No Endotamponade for Macular Hole Repair: the NEMAR Study

The No Endotamponade for Macular Hole Repair (NEMAR) Study: An International Multi-center Randomized Controlled Trial Comparing Macular Hole Closure Using Internal Limiting Membrane Flap Without Endotamponade Versus Conventional Surgery

Status
Recruiting
Phase
N/A
Study type
Interventional
Enrollment
180 (estimated)
Sponsor
Chinese University of Hong Kong · Academic / Other
Sex
All
Age
18 Years
Healthy volunteers
Not accepted

Summary

Full-thickness macular hole (MH) is a common sight threatening macular condition with a prevalence of 3.3 per 1000 individuals. Prompt surgical repair of MH is imperative in preventing irreversible vision loss from MH as the majority of patients would experience progressive loss of central vision, often resulting in visual acuity (VA) of 20/200 or worse and the spontaneous closure rate is less than 10%. Pars plana vitrectomy (PPV) with internal limiting membrane (ILM) peeling (with or without ILM flap) and gas tamponade, herein referred to as conventional surgery, is the current standard-of-care surgical technique in repairing MH. Recently, a novel surgical technique that omits the need of gas tamponade to repair MH has been proposed, early results from retrospective studies were encouraging. The purpose of this prospective international multi-centre randomised controlled study is to compare the efficacy and safety of two surgical techniques in treating MH: 1. Conventional surgery: PPV with ILM peeling and gas or silicone oil tamponade 2. ILM flap with no gas tamponade surgery: PPV with ILM flap with no gas tamponade

Detailed description

MH is a common macular condition that requires prompt surgical intervention to prevent irreversible vision loss. Conventional surgical repair of MH involves PPV, ILM peeling and gas tamponade followed by post-operative face down posturing. The use of gas tamponade, however, is associated with impairment of vision in the early post-operative period and restriction of air travel.
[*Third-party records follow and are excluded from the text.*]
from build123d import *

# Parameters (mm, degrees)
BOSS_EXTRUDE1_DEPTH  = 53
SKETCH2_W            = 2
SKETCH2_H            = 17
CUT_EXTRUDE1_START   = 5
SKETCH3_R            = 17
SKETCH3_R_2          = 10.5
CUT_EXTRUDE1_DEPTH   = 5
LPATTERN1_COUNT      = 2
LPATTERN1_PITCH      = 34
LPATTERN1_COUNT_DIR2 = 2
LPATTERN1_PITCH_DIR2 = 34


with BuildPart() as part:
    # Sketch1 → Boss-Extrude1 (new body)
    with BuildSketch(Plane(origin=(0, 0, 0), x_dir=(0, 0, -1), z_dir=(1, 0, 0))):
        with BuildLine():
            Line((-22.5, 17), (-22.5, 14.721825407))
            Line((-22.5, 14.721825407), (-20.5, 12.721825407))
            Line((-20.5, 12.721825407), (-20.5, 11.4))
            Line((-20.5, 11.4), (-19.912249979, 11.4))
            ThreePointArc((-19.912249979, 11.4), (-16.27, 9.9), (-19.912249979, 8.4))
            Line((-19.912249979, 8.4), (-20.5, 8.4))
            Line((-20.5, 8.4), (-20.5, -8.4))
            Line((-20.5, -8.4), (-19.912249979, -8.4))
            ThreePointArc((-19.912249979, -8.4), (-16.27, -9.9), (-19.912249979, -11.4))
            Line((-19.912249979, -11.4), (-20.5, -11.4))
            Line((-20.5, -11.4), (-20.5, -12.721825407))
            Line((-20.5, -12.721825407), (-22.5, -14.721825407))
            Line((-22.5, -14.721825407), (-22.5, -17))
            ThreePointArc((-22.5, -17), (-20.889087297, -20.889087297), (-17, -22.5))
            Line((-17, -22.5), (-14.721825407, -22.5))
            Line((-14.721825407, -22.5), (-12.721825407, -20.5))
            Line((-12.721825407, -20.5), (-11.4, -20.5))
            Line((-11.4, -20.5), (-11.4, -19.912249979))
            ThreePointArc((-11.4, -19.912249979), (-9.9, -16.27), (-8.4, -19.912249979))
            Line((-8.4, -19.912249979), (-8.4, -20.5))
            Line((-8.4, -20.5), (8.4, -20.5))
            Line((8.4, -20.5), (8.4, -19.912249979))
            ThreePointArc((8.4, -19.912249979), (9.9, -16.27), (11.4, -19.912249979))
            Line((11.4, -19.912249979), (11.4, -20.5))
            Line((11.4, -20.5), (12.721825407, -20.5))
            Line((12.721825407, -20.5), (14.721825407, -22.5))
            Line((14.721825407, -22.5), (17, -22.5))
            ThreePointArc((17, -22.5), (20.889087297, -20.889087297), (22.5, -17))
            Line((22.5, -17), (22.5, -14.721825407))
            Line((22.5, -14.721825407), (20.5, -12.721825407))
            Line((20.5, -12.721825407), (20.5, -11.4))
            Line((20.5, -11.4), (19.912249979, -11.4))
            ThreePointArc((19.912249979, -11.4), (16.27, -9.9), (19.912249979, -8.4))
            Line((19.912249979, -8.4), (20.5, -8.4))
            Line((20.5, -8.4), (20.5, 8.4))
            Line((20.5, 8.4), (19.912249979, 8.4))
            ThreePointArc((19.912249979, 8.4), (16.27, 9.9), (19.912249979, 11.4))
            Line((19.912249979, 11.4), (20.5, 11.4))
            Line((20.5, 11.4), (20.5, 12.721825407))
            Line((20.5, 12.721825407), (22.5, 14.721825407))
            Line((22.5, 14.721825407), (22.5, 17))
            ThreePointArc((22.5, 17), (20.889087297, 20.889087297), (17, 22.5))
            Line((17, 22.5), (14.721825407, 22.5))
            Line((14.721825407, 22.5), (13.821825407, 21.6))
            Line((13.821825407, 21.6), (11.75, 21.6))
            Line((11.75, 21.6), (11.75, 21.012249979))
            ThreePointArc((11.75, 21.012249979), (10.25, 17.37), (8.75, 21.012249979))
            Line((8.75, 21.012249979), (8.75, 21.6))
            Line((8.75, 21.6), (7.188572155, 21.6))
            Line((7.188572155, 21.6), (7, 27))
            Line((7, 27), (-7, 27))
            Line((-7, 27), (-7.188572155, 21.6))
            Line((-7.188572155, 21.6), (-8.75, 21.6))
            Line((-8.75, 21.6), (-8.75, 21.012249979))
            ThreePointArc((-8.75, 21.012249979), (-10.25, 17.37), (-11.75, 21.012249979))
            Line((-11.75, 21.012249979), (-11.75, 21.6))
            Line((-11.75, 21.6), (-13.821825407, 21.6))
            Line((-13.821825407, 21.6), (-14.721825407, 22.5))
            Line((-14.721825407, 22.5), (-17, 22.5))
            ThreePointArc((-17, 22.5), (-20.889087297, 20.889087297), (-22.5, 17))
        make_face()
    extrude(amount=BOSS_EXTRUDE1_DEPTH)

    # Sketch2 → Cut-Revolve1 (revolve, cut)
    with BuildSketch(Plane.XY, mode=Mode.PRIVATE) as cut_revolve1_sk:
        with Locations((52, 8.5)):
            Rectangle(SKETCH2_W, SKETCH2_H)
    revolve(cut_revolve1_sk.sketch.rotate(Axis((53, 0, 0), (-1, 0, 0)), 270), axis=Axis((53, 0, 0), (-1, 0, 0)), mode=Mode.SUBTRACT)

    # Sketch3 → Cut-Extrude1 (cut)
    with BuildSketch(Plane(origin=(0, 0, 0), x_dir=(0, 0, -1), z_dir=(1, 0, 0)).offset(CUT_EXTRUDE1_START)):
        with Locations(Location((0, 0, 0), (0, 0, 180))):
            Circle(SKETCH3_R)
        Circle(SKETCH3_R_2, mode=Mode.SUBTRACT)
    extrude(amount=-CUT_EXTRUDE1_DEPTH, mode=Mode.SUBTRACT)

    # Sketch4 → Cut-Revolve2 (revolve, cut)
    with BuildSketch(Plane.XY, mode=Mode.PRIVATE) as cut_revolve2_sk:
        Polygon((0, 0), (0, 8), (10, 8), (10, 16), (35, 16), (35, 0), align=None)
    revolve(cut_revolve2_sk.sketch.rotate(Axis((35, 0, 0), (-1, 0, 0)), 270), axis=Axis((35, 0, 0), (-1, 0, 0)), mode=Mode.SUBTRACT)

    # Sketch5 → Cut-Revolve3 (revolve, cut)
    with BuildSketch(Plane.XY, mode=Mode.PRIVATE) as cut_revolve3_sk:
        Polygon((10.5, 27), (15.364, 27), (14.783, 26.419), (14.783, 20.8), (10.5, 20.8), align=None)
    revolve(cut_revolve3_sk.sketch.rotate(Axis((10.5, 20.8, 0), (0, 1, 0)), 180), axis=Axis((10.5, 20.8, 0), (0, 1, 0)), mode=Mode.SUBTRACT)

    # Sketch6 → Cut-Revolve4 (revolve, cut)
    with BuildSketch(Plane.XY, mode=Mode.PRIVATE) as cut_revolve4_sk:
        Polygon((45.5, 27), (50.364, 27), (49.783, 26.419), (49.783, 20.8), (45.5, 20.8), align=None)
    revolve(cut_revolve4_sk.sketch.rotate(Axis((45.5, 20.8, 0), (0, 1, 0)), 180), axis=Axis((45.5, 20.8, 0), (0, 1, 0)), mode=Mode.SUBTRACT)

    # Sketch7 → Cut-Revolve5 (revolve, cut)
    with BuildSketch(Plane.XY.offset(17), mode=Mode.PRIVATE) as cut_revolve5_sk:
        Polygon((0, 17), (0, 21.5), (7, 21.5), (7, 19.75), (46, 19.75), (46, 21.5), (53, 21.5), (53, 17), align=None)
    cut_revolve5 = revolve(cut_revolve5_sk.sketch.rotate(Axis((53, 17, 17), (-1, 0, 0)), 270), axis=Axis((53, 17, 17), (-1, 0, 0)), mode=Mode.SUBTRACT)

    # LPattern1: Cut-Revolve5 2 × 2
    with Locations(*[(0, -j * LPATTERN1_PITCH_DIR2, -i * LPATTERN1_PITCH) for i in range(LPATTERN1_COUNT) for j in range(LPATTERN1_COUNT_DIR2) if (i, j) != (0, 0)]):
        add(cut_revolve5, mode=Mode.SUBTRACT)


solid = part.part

Moreover, fluorinated ophthalmic gases are potent green house gases that contribute to global warming. Recently, a novel surgical technique to repair MH without endotamponade has been proposed, termed the ILM flap with no gas tamponade technique. There is currently no published randomised controlled trial comparing the efficacy and safety of MH repair using conventional surgical technique and the ILM flap with no gas tamponade technique. Patients with confirmed full thickness MH on optical coherence tomography will be screened and invited to join the study. Written informed consent will be obtained. Baseline screening will be performed. Recruited study participants will be randomly allocated to one of the two study groups: 1. Conventional surgery: Participants will undergo PPV, ILM peeling and gas tamponade to repair the MH. They would be instructed to adopt a face down posture for at least 5 days post-operatively. 2. ILM flap with no gas tamponade surgery: Participants will undergo PPV, ILM flap. No gas tampons would be required and there would be no restriction on post-operative posturing. Participants will be instructed to attend post-operative follow up visits to undergo routine clinical examination, visual acuity checking and retinal imaging performed.

Conditions

Interventions

TypeNameDescription
PROCEDUREConventional surgeryPars plana vitrectomy (PPV) with temporal internal limiting membrane (ILM) flap would be performed. Perfluorocarbon liquid (PFCL) or viscoelastic may be used as an adjunct. Air/Fluid exchange would be performed at the end of surgery, further exchange of air with 8-14% octafluoropropane (C3F8) would be performed based on operating surgeon's discretion. In cases a temporal ILM flap could not be created, an ILM flap would be created from other quadrants, for example, a nasal ILM would be created instead. Patients with visually significant cataract may undergo concomitant phacoemulsification and intraocular lens implantation or deferred to post-operative month 6-12. Patients would be instructed to adopt a face-down posturing in the first 5 days following operation.
PROCEDUREILM flap with no gas tamponadePars plana vitrectomy with temporal internal limiting membrane (ILM) flap would be performed. The ILM flap would be stabilised over the macular hole using perfluorocarbon liquid (PFCL) followed by sub-PFCL dispersive viscoelastic injection. The PFCL would be removed towards the end of surgery. In cases a temporal ILM flap could not be created, an ILM flap would be created from other quadrants, for example, a nasal ILM would be created instead. Concomitant phacoemulsification and intraocular lens implantation would be performed in patients with visually significant cataract or deferred to post-operative month 6-12. Patients will be instructed to avoid excessive movement and adopt a face forward/ supine position for first 24 hours. Afterwards, there would be no restriction on post-operative posturing.

Timeline

Start date
2025-09-16
Primary completion
2027-12-31
Completion
2027-12-31
First posted
2025-04-03
Last updated
2025-09-30

Locations

3 sites across 3 countries: Hong Kong, Poland, Taiwan

Source: ClinicalTrials.gov record NCT06908824. Inclusion in this directory is not an endorsement.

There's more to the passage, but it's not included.